Тут подоспел дон Антонио де Исаси. Младший флагман, королевский комиссар, добрый знакомый, славный моряк и единственный человек на эскадре, с которым есть смысл действительно советоваться по поводу предстоящего боя. Хотя бы потому, что Исаси, даром что баск, самый прославленный из приватиров Дюнкерка! И если генерал де Урсуа знает, как конвои защищать, то Исаси собаку съел на их перехвате.
Для адмиральских разговоров хорошо подходит балкон на корме. Ярус, на котором нет орудий и отцепляющих многотонные пушки расчетов, зато есть свежий воздух, на котором и табачный дым вкусней.
Трубка — испытанный способ собрать нервы в кулак перед важным разговором. Вот и первые слова. Комедия, которую старые знакомцы не прекратят разыгрывать даже в чистилище. А куда ж им еще? Сразу в рай — грязноваты придут, в соли морской, в золе и крови. Ада же павшие за веру и короля не удостаиваются.
— Все ходишь, как голодранец, в парусине? Не хочешь хоть перед смертью прилично одеться?
Генерал де Урсуа не улыбается. То, что у него получается при попытке растянуть губы, за улыбку пока никто не принял.
— При абордаже в коротких штанах неудобно. Ты погоди, я перед боем еще и сапоги стащу, — и тут же, без перехода: — Итак, у нас под боком шастает галеон под вымпелом эскадры Бреста. И за ним маячат другие корабли.
— И это слова вечно подозрительного королевского комиссара? Отчего ты доверяешь какой-то де Тахо? Они там в верховьях моря не видят. Увидела барку, испугалась…

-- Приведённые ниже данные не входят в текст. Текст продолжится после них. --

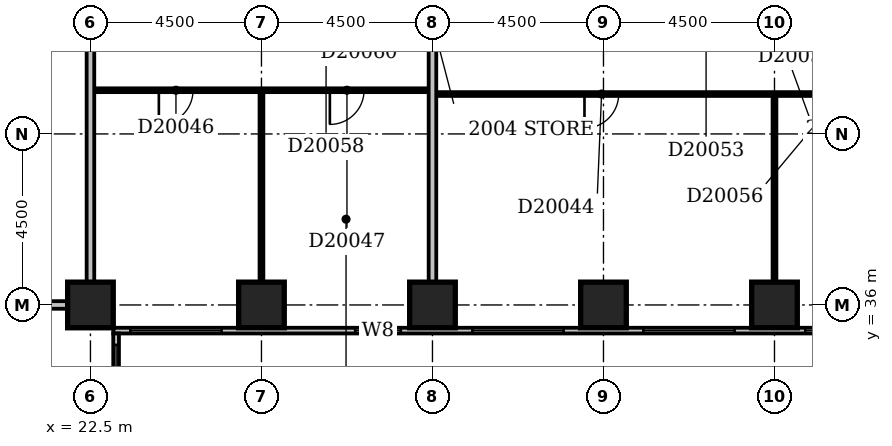
"""IFC4 building model, lengths in metres.
Left out: names, types, materials, properties, quantities, classifications, styles, units other than length and angle.
Written with IfcOpenShell. Run it as: python <this file> out.ifc"""

import sys

from ifc_helpers import new_model, si_unit, direction, frame, frame_2d, origin, origin_2d, place, context, subcontext, project, spatial, rectangle, extrude, element, fill, save


model = new_model("IFC4")
c1 = context("Model", 3, precision=1e-05, world=origin(), true_north=direction((0.0, 1.0)))
c2 = subcontext(c1, "Body", "Model", "MODEL_VIEW")
j1 = project(units=[si_unit("LENGTHUNIT", "METRE"), si_unit("PLANEANGLEUNIT", "RADIAN")], contexts=[c1])
p1 = place(None, origin())
s1 = spatial("IfcSite", under=j1, at=p1, CompositionType="ELEMENT")
p2 = place(p1, origin())
s2 = spatial("IfcBuilding", under=s1, at=p2, CompositionType="ELEMENT")
p3 = place(p2, frame((0.0, 0.0, 83.0)))
s3 = spatial("IfcBuildingStorey", under=s2, at=p3, CompositionType="ELEMENT", Elevation=83.0)
for number, where, z_axis, x_axis in (
    (1, (22.5, 36.0, -0.3), (0.0, 0.0, 1.0), (1.0, 0.0, 0.0)),
    (2, (27.0, 36.0, -0.3), (0.0, 0.0, 1.0), (1.0, 0.0, 0.0)),
    (3, (31.5, 36.0, -0.3), (0.0, 0.0, 1.0), (1.0, 0.0, 0.0)),
    (4, (36.0, 36.0, -0.3), (0.0, 0.0, 1.0), (1.0, 0.0, 0.0)),
    (5, (40.5, 36.0, -0.3), (0.0, 0.0, 1.0), (1.0, 0.0, 0.0)),
):
    element("IfcColumn", number, at=place(p3, frame(where, z_axis=z_axis, x_axis=x_axis)), inside=s3, PredefinedType="COLUMN", context=c2, shape_type="SweptSolid", body=[
        extrude(rectangle(XDim=1.2, YDim=1.2, at=origin_2d()), origin(), (0.0, 0.0, 1.0), 3.6),
    ])
p4 = place(p3, frame((23.175, 17.4, 0.0), z_axis=(0.0, 0.0, 1.0), x_axis=(0.0, 1.0, 0.0)))
e6 = element("IfcWall", 6, at=p4, inside=s3, PredefinedType="STANDARD", context=c2, shape_type="SweptSolid", body=[
    extrude(rectangle(XDim=17.85, YDim=0.15, at=frame_2d((8.925, 0.0))), origin(), (0.0, 0.0, 1.0), 2.7),
])
p5 = place(p4, frame((1.65, 0.0, 0.6)))
e7 = element("IfcOpeningElement", 7, at=p5, cuts=e6, PredefinedType="OPENING", context=c2, shape_type="SweptSolid", body=[
    extrude(rectangle(XDim=2.4, YDim=1.8, at=frame_2d((1.2, 0.9))), frame((0.0, 0.087, 0.0), z_axis=(0.0, -1.0, 0.0), x_axis=(1.0, 0.0, 0.0)), (0.0, 0.0, 1.0), 0.174),
])
p6 = place(p4, frame((5.926, 0.0, 0.6)))
e8 = element("IfcOpeningElement", 8, at=p6, cuts=e6, PredefinedType="OPENING", context=c2, shape_type="SweptSolid", body=[
    extrude(rectangle(XDim=0.45, YDim=1.8, at=frame_2d((0.225, 0.9))), frame((0.0, 0.087, 0.0), z_axis=(0.0, -1.0, 0.0), x_axis=(1.0, 0.0, 0.0)), (0.0, 0.0, 1.0), 0.174),
])
p7 = place(p4, frame((10.65, 0.0, 0.6)))
e9 = element("IfcOpeningElement", 9, at=p7, cuts=e6, PredefinedType="OPENING", context=c2, shape_type="SweptSolid", body=[
    extrude(rectangle(XDim=2.4, YDim=1.8, at=frame_2d((1.2, 0.9))), frame((0.0, 0.087, 0.0), z_axis=(0.0, -1.0, 0.0), x_axis=(1.0, 0.0, 0.0)), (0.0, 0.0, 1.0), 0.174),
])
p8 = place(p4, frame((15.15, 0.0, 0.6)))
e10 = element("IfcOpeningElement", 10, at=p8, cuts=e6, PredefinedType="OPENING", context=c2, shape_type="SweptSolid", body=[
    extrude(rectangle(XDim=2.4, YDim=1.8, at=frame_2d((1.2, 0.9))), frame((0.0, 0.087, 0.0), z_axis=(0.0, -1.0, 0.0), x_axis=(1.0, 0.0, 0.0)), (0.0, 0.0, 1.0), 0.174),
])
p9 = place(p3, frame((23.1, 35.325, 0.0), z_axis=(0.0, 0.0, 1.0), x_axis=(1.0, 0.0, 0.0)))
e11 = element("IfcWall", 11, at=p9, inside=s3, PredefinedType="STANDARD", context=c2, shape_type="SweptSolid", body=[
    extrude(rectangle(XDim=45.15, YDim=0.15, at=frame_2d((22.575, 0.0))), origin(), (0.0, 0.0, 1.0), 2.7),
])
p10 = place(p9, frame((0.45, 0.0, 0.6)))
e12 = element("IfcOpeningElement", 12, at=p10, cuts=e11, PredefinedType="OPENING", context=c2, shape_type="SweptSolid", body=[
    extrude(rectangle(XDim=2.4, YDim=1.8, at=frame_2d((1.2, 0.9))), frame((0.0, 0.087, 0.0), z_axis=(0.0, -1.0, 0.0), x_axis=(1.0, 0.0, 0.0)), (0.0, 0.0, 1.0), 0.174),
])
p11 = place(p9, frame((6.366, 0.0, 0.6)))
e13 = element("IfcOpeningElement", 13, at=p11, cuts=e11, PredefinedType="OPENING", context=c2, shape_type="SweptSolid", body=[
    extrude(rectangle(XDim=1.2, YDim=1.8, at=frame_2d((0.6, 0.9))), frame((0.0, 0.087, 0.0), z_axis=(0.0, -1.0, 0.0), x_axis=(1.0, 0.0, 0.0)), (0.0, 0.0, 1.0), 0.174),
])
p12 = place(p9, frame((9.45, 0.0, 0.6)))
e14 = element("IfcOpeningElement", 14, at=p12, cuts=e11, PredefinedType="OPENING", context=c2, shape_type="SweptSolid", body=[
    extrude(rectangle(XDim=2.4, YDim=1.8, at=frame_2d((1.2, 0.9))), frame((0.0, 0.087, 0.0), z_axis=(0.0, -1.0, 0.0), x_axis=(1.0, 0.0, 0.0)), (0.0, 0.0, 1.0), 0.174),
])
p13 = place(p9, frame((13.95, 0.0, 0.6)))
e15 = element("IfcOpeningElement", 15, at=p13, cuts=e11, PredefinedType="OPENING", context=c2, shape_type="SweptSolid", body=[
    extrude(rectangle(XDim=2.4, YDim=1.8, at=frame_2d((1.2, 0.9))), frame((0.0, 0.087, 0.0), z_axis=(0.0, -1.0, 0.0), x_axis=(1.0, 0.0, 0.0)), (0.0, 0.0, 1.0), 0.174),
])
p14 = place(p9, frame((18.21, 0.0, 0.6)))
e16 = element("IfcOpeningElement", 16, at=p14, cuts=e11, PredefinedType="OPENING", context=c2, shape_type="SweptSolid", body=[
    extrude(rectangle(XDim=1.8, YDim=1.8, at=frame_2d((0.9, 0.9))), frame((0.0, 0.087, 0.0), z_axis=(0.0, -1.0, 0.0), x_axis=(1.0, 0.0, 0.0)), (0.0, 0.0, 1.0), 0.174),
])
p15 = place(p9, frame((22.95, 0.0, 0.6)))
e17 = element("IfcOpeningElement", 17, at=p15, cuts=e11, PredefinedType="OPENING", context=c2, shape_type="SweptSolid", body=[
    extrude(rectangle(XDim=2.4, YDim=1.8, at=frame_2d((1.2, 0.9))), frame((0.0, 0.087, 0.0), z_axis=(0.0, -1.0, 0.0), x_axis=(1.0, 0.0, 0.0)), (0.0, 0.0, 1.0), 0.174),
])
p16 = place(p9, frame((27.45, 0.0, 0.6)))
e18 = element("IfcOpeningElement", 18, at=p16, cuts=e11, PredefinedType="OPENING", context=c2, shape_type="SweptSolid", body=[
    extrude(rectangle(XDim=2.4, YDim=1.8, at=frame_2d((1.2, 0.9))), frame((0.0, 0.087, 0.0), z_axis=(0.0, -1.0, 0.0), x_axis=(1.0, 0.0, 0.0)), (0.0, 0.0, 1.0), 0.174),
])
p17 = place(p9, frame((31.831, 0.0, 0.6)))
e19 = element("IfcOpeningElement", 19, at=p17, cuts=e11, PredefinedType="OPENING", context=c2, shape_type="SweptSolid", body=[
    extrude(rectangle(XDim=0.6, YDim=1.8, at=frame_2d((0.3, 0.9))), frame((0.0, 0.087, 0.0), z_axis=(0.0, -1.0, 0.0), x_axis=(1.0, 0.0, 0.0)), (0.0, 0.0, 1.0), 0.174),
])
p18 = place(p9, frame((36.45, 0.0, 0.6)))
e20 = element("IfcOpeningElement", 20, at=p18, cuts=e11, PredefinedType="OPENING", context=c2, shape_type="SweptSolid", body=[
    extrude(rectangle(XDim=2.4, YDim=1.8, at=frame_2d((1.2, 0.9))), frame((0.0, 0.087, 0.0), z_axis=(0.0, -1.0, 0.0), x_axis=(1.0, 0.0, 0.0)), (0.0, 0.0, 1.0), 0.174),
])
p19 = place(p9, frame((40.95, 0.0, 0.6)))
e21 = element("IfcOpeningElement", 21, at=p19, cuts=e11, PredefinedType="OPENING", context=c2, shape_type="SweptSolid", body=[
    extrude(rectangle(XDim=2.4, YDim=1.8, at=frame_2d((1.2, 0.9))), frame((0.0, 0.087, 0.0), z_axis=(0.0, -1.0, 0.0), x_axis=(1.0, 0.0, 0.0)), (0.0, 0.0, 1.0), 0.174),
])
p20 = place(p3, frame((9.1, 36.0, 0.0), z_axis=(0.0, 0.0, 1.0), x_axis=(1.0, 0.0, 0.0)))
e22 = element("IfcWall", 22, at=p20, inside=s3, PredefinedType="PARTITIONING", context=c2, shape_type="SweptSolid", body=[
    extrude(rectangle(XDim=12.8, YDim=0.2, at=frame_2d((6.4, 0.0))), origin(), (0.0, 0.0, 1.0), 2.4),
])
p21 = place(p3, frame((22.5, 36.6, 0.0), z_axis=(0.0, 0.0, 1.0), x_axis=(0.0, 1.0, 0.0)))
e23 = element("IfcWall", 23, at=p21, inside=s3, PredefinedType="PARTITIONING", context=c2, shape_type="SweptSolid", body=[
    extrude(rectangle(XDim=12.8, YDim=0.2, at=frame_2d((6.4, 0.0))), origin(), (0.0, 0.0, 1.0), 3.3),
])
p22 = place(p3, frame((27.0, 36.6, 0.0), z_axis=(0.0, 0.0, 1.0), x_axis=(0.0, 1.0, 0.0)))
e24 = element("IfcWall", 24, at=p22, inside=s3, PredefinedType="PARTITIONING", context=c2, shape_type="SweptSolid", body=[
    extrude(rectangle(XDim=5.0, YDim=0.1, at=frame_2d((2.5, 0.0))), origin(), (0.0, 0.0, 1.0), 2.6),
])
p23 = place(p3, frame((31.5, 36.6, 0.0), z_axis=(0.0, 0.0, 1.0), x_axis=(0.0, 1.0, 0.0)))
e25 = element("IfcWall", 25, at=p23, inside=s3, PredefinedType="PARTITIONING", context=c2, shape_type="SweptSolid", body=[
    extrude(rectangle(XDim=12.8, YDim=0.2, at=frame_2d((6.4, 0.0))), origin(), (0.0, 0.0, 1.0), 3.3),
])
p24 = place(p3, frame((40.5, 36.6, 0.0), z_axis=(0.0, 0.0, 1.0), x_axis=(0.0, 1.0, 0.0)))
e26 = element("IfcWall", 26, at=p24, inside=s3, PredefinedType="PARTITIONING", context=c2, shape_type="SweptSolid", body=[
    extrude(rectangle(XDim=4.9, YDim=0.1, at=frame_2d((2.45, 0.0))), origin(), (0.0, 0.0, 1.0), 3.3),
])
p25 = place(p3, frame((31.6, 41.55, 0.0), z_axis=(0.0, 0.0, 1.0), x_axis=(1.0, 0.0, 0.0)))
e27 = element("IfcWall", 27, at=p25, inside=s3, PredefinedType="PARTITIONING", context=c2, shape_type="SweptSolid", body=[
    extrude(rectangle(XDim=13.3, YDim=0.1, at=frame_2d((6.65, 0.0))), origin(), (0.0, 0.0, 1.0), 3.3),
])
p26 = place(p25, frame((3.9, 0.0, 0.0)))
e28 = element("IfcOpeningElement", 28, at=p26, cuts=e27, PredefinedType="OPENING", context=c2, shape_type="SweptSolid", body=[
    extrude(rectangle(XDim=0.9, YDim=2.1, at=frame_2d((0.45, 1.05))), frame((0.0, 0.062, 0.0), z_axis=(0.0, -1.0, 0.0), x_axis=(1.0, 0.0, 0.0)), (0.0, 0.0, 1.0), 0.124),
])
p27 = place(p25, frame((10.7, 0.0, 0.0)))
e29 = element("IfcOpeningElement", 29, at=p27, cuts=e27, PredefinedType="OPENING", context=c2, shape_type="SweptSolid", body=[
    extrude(rectangle(XDim=0.9, YDim=2.1, at=frame_2d((0.45, 1.05))), frame((0.0, 0.062, 0.0), z_axis=(0.0, -1.0, 0.0), x_axis=(1.0, 0.0, 0.0)), (0.0, 0.0, 1.0), 0.124),
])
p28 = place(p3, frame((22.6, 41.65, 0.0), z_axis=(0.0, 0.0, 1.0), x_axis=(1.0, 0.0, 0.0)))
e30 = element("IfcWall", 30, at=p28, inside=s3, PredefinedType="PARTITIONING", context=c2, shape_type="SweptSolid", body=[
    extrude(rectangle(XDim=8.8, YDim=0.1, at=frame_2d((4.4, 0.0))), origin(), (0.0, 0.0, 1.0), 3.3),
])
p29 = place(p28, frame((1.7, 0.0, 0.0)))
e31 = element("IfcOpeningElement", 31, at=p29, cuts=e30, PredefinedType="OPENING", context=c2, shape_type="SweptSolid", body=[
    extrude(rectangle(XDim=0.9, YDim=2.1, at=frame_2d((0.45, 1.05))), frame((0.0, 0.062, 0.0), z_axis=(0.0, -1.0, 0.0), x_axis=(1.0, 0.0, 0.0)), (0.0, 0.0, 1.0), 0.124),
])
p30 = place(p28, frame((6.2, 0.0, 0.0)))
e32 = element("IfcOpeningElement", 32, at=p30, cuts=e30, PredefinedType="OPENING", context=c2, shape_type="SweptSolid", body=[
    extrude(rectangle(XDim=0.9, YDim=2.1, at=frame_2d((0.45, 1.05))), frame((0.0, 0.062, 0.0), z_axis=(0.0, -1.0, 0.0), x_axis=(1.0, 0.0, 0.0)), (0.0, 0.0, 1.0), 0.124),
])
p31 = place(p8, origin())
e33 = element("IfcWindow", 33, at=p31, inside=s3, PartitioningType="SINGLE_PANEL", PredefinedType="WINDOW", context=c2, shape_type="SweptSolid", body=[
    extrude(rectangle(XDim=2.4, YDim=1.8, at=frame_2d((1.2, 0.9))), frame((0.0, 0.03, 0.0), z_axis=(0.0, -1.0, 0.0), x_axis=(1.0, 0.0, 0.0)), (0.0, 0.0, 1.0), 0.06),
])
fill(e10, e33)
p32 = place(p10, origin())
e34 = element("IfcWindow", 34, at=p32, inside=s3, PartitioningType="SINGLE_PANEL", PredefinedType="WINDOW", context=c2, shape_type="SweptSolid", body=[
    extrude(rectangle(XDim=2.4, YDim=1.8, at=frame_2d((1.2, 0.9))), frame((0.0, 0.03, 0.0), z_axis=(0.0, -1.0, 0.0), x_axis=(1.0, 0.0, 0.0)), (0.0, 0.0, 1.0), 0.06),
])
fill(e12, e34)
p33 = place(p11, origin())
e35 = element("IfcWindow", 35, at=p33, inside=s3, PartitioningType="SINGLE_PANEL", PredefinedType="WINDOW", context=c2, shape_type="SweptSolid", body=[
    extrude(rectangle(XDim=1.2, YDim=1.8, at=frame_2d((0.6, 0.9))), frame((0.0, 0.03, 0.0), z_axis=(0.0, -1.0, 0.0), x_axis=(1.0, 0.0, 0.0)), (0.0, 0.0, 1.0), 0.06),
])
fill(e13, e35)
p34 = place(p12, origin())
e36 = element("IfcWindow", 36, at=p34, inside=s3, PartitioningType="SINGLE_PANEL", PredefinedType="WINDOW", context=c2, shape_type="SweptSolid", body=[
    extrude(rectangle(XDim=2.4, YDim=1.8, at=frame_2d((1.2, 0.9))), frame((0.0, 0.03, 0.0), z_axis=(0.0, -1.0, 0.0), x_axis=(1.0, 0.0, 0.0)), (0.0, 0.0, 1.0), 0.06),
])
fill(e14, e36)
p35 = place(p13, origin())
e37 = element("IfcWindow", 37, at=p35, inside=s3, PartitioningType="SINGLE_PANEL", PredefinedType="WINDOW", context=c2, shape_type="SweptSolid", body=[
    extrude(rectangle(XDim=2.4, YDim=1.8, at=frame_2d((1.2, 0.9))), frame((0.0, 0.03, 0.0), z_axis=(0.0, -1.0, 0.0), x_axis=(1.0, 0.0, 0.0)), (0.0, 0.0, 1.0), 0.06),
])
fill(e15, e37)
p36 = place(p14, origin())
e38 = element("IfcWindow", 38, at=p36, inside=s3, PartitioningType="SINGLE_PANEL", PredefinedType="WINDOW", context=c2, shape_type="SweptSolid", body=[
    extrude(rectangle(XDim=1.8, YDim=1.8, at=frame_2d((0.9, 0.9))), frame((0.0, 0.03, 0.0), z_axis=(0.0, -1.0, 0.0), x_axis=(1.0, 0.0, 0.0)), (0.0, 0.0, 1.0), 0.06),
])
fill(e16, e38)
p37 = place(p26, frame((0.9, 0.0, 0.0), z_axis=(0.0, 0.0, 1.0), x_axis=(-1.0, 0.0, 0.0)))
e39 = element("IfcDoor", 39, at=p37, inside=s3, OperationType="SINGLE_SWING_RIGHT", PredefinedType="DOOR", context=c2, shape_type="SweptSolid", body=[
    extrude(rectangle(XDim=0.9, YDim=2.1, at=frame_2d((0.45, 1.05))), frame((0.0, 0.025, 0.0), z_axis=(0.0, -1.0, 0.0), x_axis=(1.0, 0.0, 0.0)), (0.0, 0.0, 1.0), 0.05),
])
fill(e28, e39)
p38 = place(p29, frame((0.9, 0.0, 0.0), z_axis=(0.0, 0.0, 1.0), x_axis=(-1.0, 0.0, 0.0)))
e40 = element("IfcDoor", 40, at=p38, inside=s3, OperationType="SINGLE_SWING_RIGHT", PredefinedType="DOOR", context=c2, shape_type="SweptSolid", body=[
    extrude(rectangle(XDim=0.9, YDim=2.1, at=frame_2d((0.45, 1.05))), frame((0.0, 0.025, 0.0), z_axis=(0.0, -1.0, 0.0), x_axis=(1.0, 0.0, 0.0)), (0.0, 0.0, 1.0), 0.05),
])
fill(e31, e40)
p39 = place(p30, frame((0.9, 0.0, 0.0), z_axis=(0.0, 0.0, 1.0), x_axis=(-1.0, 0.0, 0.0)))
e41 = element("IfcDoor", 41, at=p39, inside=s3, OperationType="SINGLE_SWING_RIGHT", PredefinedType="DOOR", context=c2, shape_type="SweptSolid", body=[
    extrude(rectangle(XDim=0.9, YDim=2.1, at=frame_2d((0.45, 1.05))), frame((0.0, 0.025, 0.0), z_axis=(0.0, -1.0, 0.0), x_axis=(1.0, 0.0, 0.0)), (0.0, 0.0, 1.0), 0.05),
])
fill(e32, e41)
save(model, sys.argv[1])

— И точно описала одного из твоих старых знакомых. Носовая надстройка синяя с белыми лилиями, крылатая богиня на носу, погонные порты в дубовых веночках, брюхо в белой смази. И манера стрелять зажмурившись. И погонные пушки — те, что у французов идут за три четверти, а у нас выходят полные. Лучший портрет «Ла Виктуар» тебе нарисует разве Веласкес. А еще… Говоришь, испугалась? Жить хотела. Но, заметь, не удрала, а отшлепала, как напроказившего дитятю, и ушла.
— Это не кастильская похвальба?
— Нет. И вообще… Знаешь — я никогда не расскажу все. Но всегда — достаточно. Так знай — в другой одежде и под другим именем, но она спасла мне жизнь. Незадолго до нашего выхода сюда.
— Это как-то связано с переменами там? — командующий ткнул пальцем вверх, в нависающую над адмиральским балконом надстройку. Но имел в виду явно не каморки корабельных трубачей…
— Какая разница? «Ла Виктуар» есть, и он не одинок. Лично я взялся бы разделать нас и с одним королевским кораблем. Но это я. Французы… осторожней. Даже если сюда послали всего два или три корабля — нам хватит. Или я не прав?
— Прав.
Исаси выпустил из трубки клуб дыма, следит, как тает в прозрачном воздухе колечко… Ситуация чертовски напоминает ту, в которую попал его старший товарищ, генерал-капитан Окендо, в месте, именуемом англичанами Дауне. Тогда фландрских каперов наполовину уговорили, наполовину заставили превратиться в эскорт для транспортов с войсками.